A scorrere i nomi, mi viene in mente un presagio non benevolo, quello dell’oblio che molti di loro rischiano e che bisogna scongiurare; faccio un esempio per tutti: quello di Giuseppe Mazzullo, di cui a parte una marginale fondazione taorminese, non c’è nulla che lo ricordi, ma con lui, voglio citare Cordio, Virduzzo, Verrusio, Viaggio; ma tanti che, non nomino, perché sarebbe un libro intero a cui dobbiamo dedicare attenzione e rispetto. Ecco come un saggio di storia dell’arte può anche diventare «altare della memoria», «bisogno di storicizzare chi sta per essere dimenticato per sempre», o chi viene invece surclassato e schiacciato dalla modernità dei social che non ricordano molto del nostro passato. È vero, lo diciamo spesso, riconosce il grande Francesco Gallo Mazzeo: «Chi non ha storia non ha futuro, ma la storia siamo noi tutti, coscienza e consapevolezza, istituzioni e accadimenti a cui scritture come questa ci possono stimolare, per capire meglio quali possano essere le strategie dell’oggi, per avere un domani e non essere destinati all’oblio anche noi».

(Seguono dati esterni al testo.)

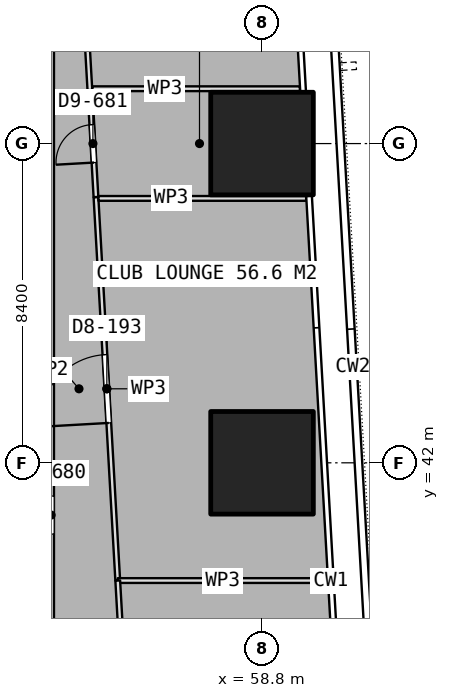
"""IFC4 building model, lengths in metres.
Left out: names, types, materials, properties, quantities, classifications, styles, units other than length and angle.
Written with IfcOpenShell. Run it as: python <this file> out.ifc"""

import sys

from ifc_helpers import new_model, si_unit, direction, frame, frame_2d, origin, origin_2d, place, context, subcontext, project, spatial, rectangle, extrude, element, fill, save


model = new_model("IFC4")
c1 = context("Model", 3, precision=1e-05, world=origin(), true_north=direction((0.0, 1.0)))
c2 = subcontext(c1, "Body", "Model", "MODEL_VIEW")
j1 = project(units=[si_unit("LENGTHUNIT", "METRE"), si_unit("PLANEANGLEUNIT", "RADIAN")], contexts=[c1])
p1 = place(None, origin())
s1 = spatial("IfcSite", under=j1, at=p1, CompositionType="ELEMENT")
p2 = place(p1, origin())
s2 = spatial("IfcBuilding", under=s1, at=p2, CompositionType="ELEMENT")
p3 = place(p2, frame((0.0, 0.0, 172.7)))
s3 = spatial("IfcBuildingStorey", under=s2, at=p3, CompositionType="ELEMENT", Elevation=172.7)
for number, where, z_axis, x_axis in (
    (1, (58.8, 42.0, 0.0), (0.0, 0.0, 1.0), (1.0, 0.0, 0.0)),
    (2, (58.8, 50.4, 0.0), (0.0, 0.0, 1.0), (1.0, 0.0, 0.0)),
):
    element("IfcColumn", number, at=place(p3, frame(where, z_axis=z_axis, x_axis=x_axis)), inside=s3, PredefinedType="COLUMN", context=c2, shape_type="SweptSolid", body=[
        extrude(rectangle(XDim=2.7, YDim=2.7, at=origin_2d()), origin(), (0.0, 0.0, 1.0), 3.75),
    ])
p4 = place(p3, frame((55.003, 38.902, 0.0), z_axis=(0.0, 0.0, 1.0), x_axis=(1.0, 0.0, 0.0)))
e3 = element("IfcWall", 3, at=p4, inside=s3, PredefinedType="PARTITIONING", context=c2, shape_type="SweptSolid", body=[
    extrude(rectangle(XDim=5.528, YDim=0.125, at=frame_2d((2.764, 0.0))), origin(), (0.0, 0.0, 1.0), 3.5),
])
p5 = place(p3, frame((55.565, 28.991, 0.0), z_axis=(0.0, 0.0, 1.0), x_axis=(-0.056614146669, 0.998396133004, 0.0)))
e4 = element("IfcWall", 4, at=p5, inside=s3, PredefinedType="PARTITIONING", context=c2, shape_type="SweptSolid", body=[
    extrude(rectangle(XDim=9.927, YDim=0.125, at=frame_2d((4.963, 0.0))), origin(), (0.0, 0.0, 1.0), 3.5),
])
p6 = place(p5, frame((4.063, 0.0, 0.0)))
e5 = element("IfcOpeningElement", 5, at=p6, cuts=e4, PredefinedType="OPENING", context=c2, shape_type="SweptSolid", body=[
    extrude(rectangle(XDim=1.8, YDim=2.1, at=frame_2d((0.9, 1.05))), frame((0.0, 0.073, 0.0), z_axis=(0.0, -1.0, 0.0), x_axis=(1.0, 0.0, 0.0)), (0.0, 0.0, 1.0), 0.145),
])
p7 = place(p3, frame((55.003, 38.903, 0.0), z_axis=(0.0, 0.0, 1.0), x_axis=(-0.056703702353, 0.998391050711, 0.0)))
e6 = element("IfcWall", 6, at=p7, inside=s3, PredefinedType="PARTITIONING", context=c2, shape_type="SweptSolid", body=[
    extrude(rectangle(XDim=10.105, YDim=0.125, at=frame_2d((5.053, 0.0))), origin(), (0.0, 0.0, 1.0), 3.5),
])
p8 = place(p7, frame((4.153, 0.0, 0.0)))
e7 = element("IfcOpeningElement", 7, at=p8, cuts=e6, PredefinedType="OPENING", context=c2, shape_type="SweptSolid", body=[
    extrude(rectangle(XDim=1.8, YDim=2.1, at=frame_2d((0.9, 1.05))), frame((0.0, 0.073, 0.0), z_axis=(0.0, -1.0, 0.0), x_axis=(1.0, 0.0, 0.0)), (0.0, 0.0, 1.0), 0.145),
])
p9 = place(p3, frame((54.495, 48.957, 0.0), z_axis=(0.0, 0.0, 1.0), x_axis=(1.0, 0.0, 0.0)))
e8 = element("IfcWall", 8, at=p9, inside=s3, PredefinedType="PARTITIONING", context=c2, shape_type="SweptSolid", body=[
    extrude(rectangle(XDim=5.466, YDim=0.125, at=frame_2d((2.733, 0.0))), origin(), (0.0, 0.0, 1.0), 3.5),
])
p10 = place(p3, frame((54.43, 48.993, 0.0), z_axis=(0.0, 0.0, 1.0), x_axis=(-0.056736501623, 0.998389187333, 0.0)))
e9 = element("IfcWall", 9, at=p10, inside=s3, PredefinedType="PARTITIONING", context=c2, shape_type="SweptSolid", body=[
    extrude(rectangle(XDim=2.819, YDim=0.125, at=frame_2d((1.409, 0.0))), origin(), (0.0, 0.0, 1.0), 3.5),
])
p11 = place(p10, frame((0.909, 0.0, 0.0)))
e10 = element("IfcOpeningElement", 10, at=p11, cuts=e9, PredefinedType="OPENING", context=c2, shape_type="SweptSolid", body=[
    extrude(rectangle(XDim=1.0, YDim=2.1, at=frame_2d((0.5, 1.05))), frame((0.0, 0.073, 0.0), z_axis=(0.0, -1.0, 0.0), x_axis=(1.0, 0.0, 0.0)), (0.0, 0.0, 1.0), 0.145),
])
p12 = place(p3, frame((54.331, 51.843, 0.0), z_axis=(0.0, 0.0, 1.0), x_axis=(1.0, 0.0, 0.0)))
e11 = element("IfcWall", 11, at=p12, inside=s3, PredefinedType="PARTITIONING", context=c2, shape_type="SweptSolid", body=[
    extrude(rectangle(XDim=5.466, YDim=0.125, at=frame_2d((2.733, 0.0))), origin(), (0.0, 0.0, 1.0), 3.5),
])
p13 = place(p3, frame((54.27, 51.808, 0.0), z_axis=(0.0, 0.0, 1.0), x_axis=(-0.056507045715, 0.998402200411, 0.0)))
e12 = element("IfcWall", 12, at=p13, inside=s3, PredefinedType="PARTITIONING", context=c2, shape_type="SweptSolid", body=[
    extrude(rectangle(XDim=3.664, YDim=0.125, at=frame_2d((1.832, 0.0))), origin(), (0.0, 0.0, 1.0), 3.5),
])
p14 = place(p3, frame((53.25, 28.075, 0.0), z_axis=(0.0, 0.0, 1.0), x_axis=(0.0, 1.0, 0.0)))
e13 = element("IfcWall", 13, at=p14, inside=s3, PredefinedType="PARTITIONING", context=c2, shape_type="SweptSolid", body=[
    extrude(rectangle(XDim=25.175, YDim=0.15, at=frame_2d((12.587, 0.0))), origin(), (0.0, 0.0, 1.0), 3.5),
])
p15 = place(p14, frame((12.05, 0.0, 0.0)))
e14 = element("IfcOpeningElement", 14, at=p15, cuts=e13, PredefinedType="OPENING", context=c2, shape_type="SweptSolid", body=[
    extrude(rectangle(XDim=1.0, YDim=2.1, at=frame_2d((0.5, 1.05))), frame((0.0, 0.085, 0.0), z_axis=(0.0, -1.0, 0.0), x_axis=(1.0, 0.0, 0.0)), (0.0, 0.0, 1.0), 0.17),
])
p16 = place(p8, origin())
e15 = element("IfcDoor", 15, at=p16, inside=s3, OperationType="DOUBLE_DOOR_SINGLE_SWING", PredefinedType="DOOR", context=c2, shape_type="SweptSolid", body=[
    extrude(rectangle(XDim=1.8, YDim=2.1, at=frame_2d((0.9, 1.05))), frame((0.0, 0.025, 0.0), z_axis=(0.0, -1.0, 0.0), x_axis=(1.0, 0.0, 0.0)), (0.0, 0.0, 1.0), 0.05),
])
fill(e7, e15)
p17 = place(p11, origin())
e16 = element("IfcDoor", 16, at=p17, inside=s3, OperationType="SINGLE_SWING_LEFT", PredefinedType="DOOR", context=c2, shape_type="SweptSolid", body=[
    extrude(rectangle(XDim=1.0, YDim=2.1, at=frame_2d((0.5, 1.05))), frame((0.0, 0.025, 0.0), z_axis=(0.0, -1.0, 0.0), x_axis=(1.0, 0.0, 0.0)), (0.0, 0.0, 1.0), 0.05),
])
fill(e10, e16)
p18 = place(p15, origin())
e17 = element("IfcDoor", 17, at=p18, inside=s3, OperationType="SINGLE_SWING_LEFT", PredefinedType="DOOR", context=c2, shape_type="SweptSolid", body=[
    extrude(rectangle(XDim=1.0, YDim=2.1, at=frame_2d((0.5, 1.05))), frame((0.0, 0.025, 0.0), z_axis=(0.0, -1.0, 0.0), x_axis=(1.0, 0.0, 0.0)), (0.0, 0.0, 1.0), 0.05),
])
fill(e14, e17)
save(model, sys.argv[1])

CHI NON HA STORIA NON HA FUTURO

Ma quello che invece non ti aspetteresti mai da un critico d’arte famoso come lui è questa sorta di confessione pubblica che l’illustre cattedratico siciliano fa nella sua prefazione al saggio di Rosario Sprovieri: «Gaspare Giansanti negli ultimi anni è stato un assiduo frequentatore dei miei mercoledì di Unum e Signum di Bibliothè, a Roma, ma devo dire che la lettura di queste pagine, mi consegnano una brillantezza e una vivacità, che non avevo sospettato e di ciò gli chiedo scusa». Questo libro, dunque, non è rivoluzionario, non è sensazionalistico, non svela segreti e impertinenze, ma rivela il volto di un costruttore che nell’ombra e nella tenacia, si è costruito una consapevolezza, una cultura e ha voluto che tutto questo non rimanesse confinato nella sua testa, ma diventasse di tanti, di quegli altri tanti che non hanno pensato di mettere nero su bianco; tutte quelle persone che sono state a fianco di protagonisti, di cui hanno carpito le segretezze, le sottigliezze e l’umanità.

UN’UMANITÀ CHE NON HA MEDAGLIE DA MOSTRARE

Ha ragione il professore Francesco Gallo Mazzeo quando scrive che «queste pagine, sono pagine di un’umanità che non ha medaglie da mostrare, che non ha benemerenze da chiedere, ma cose da dire, completando un quadro, che non ha solo luminarie e soli danzanti, ma sotterranei, officine, cucine e laboratori da cui fare uscire nuovi sapori: vita». Attenzione, stiamo parlando non di un libro d’arte, non di un saggio di storia dell’arte, non di una biografia di un artista in particolare, ma del grande romanzo dell’arte romana del secolo scorso, «che vale la pena di indagare e di fare propria, afferma l’editore Demetrio Guzzardi, perché solo così potremo dare valore agli artisti più veri di questo Paese».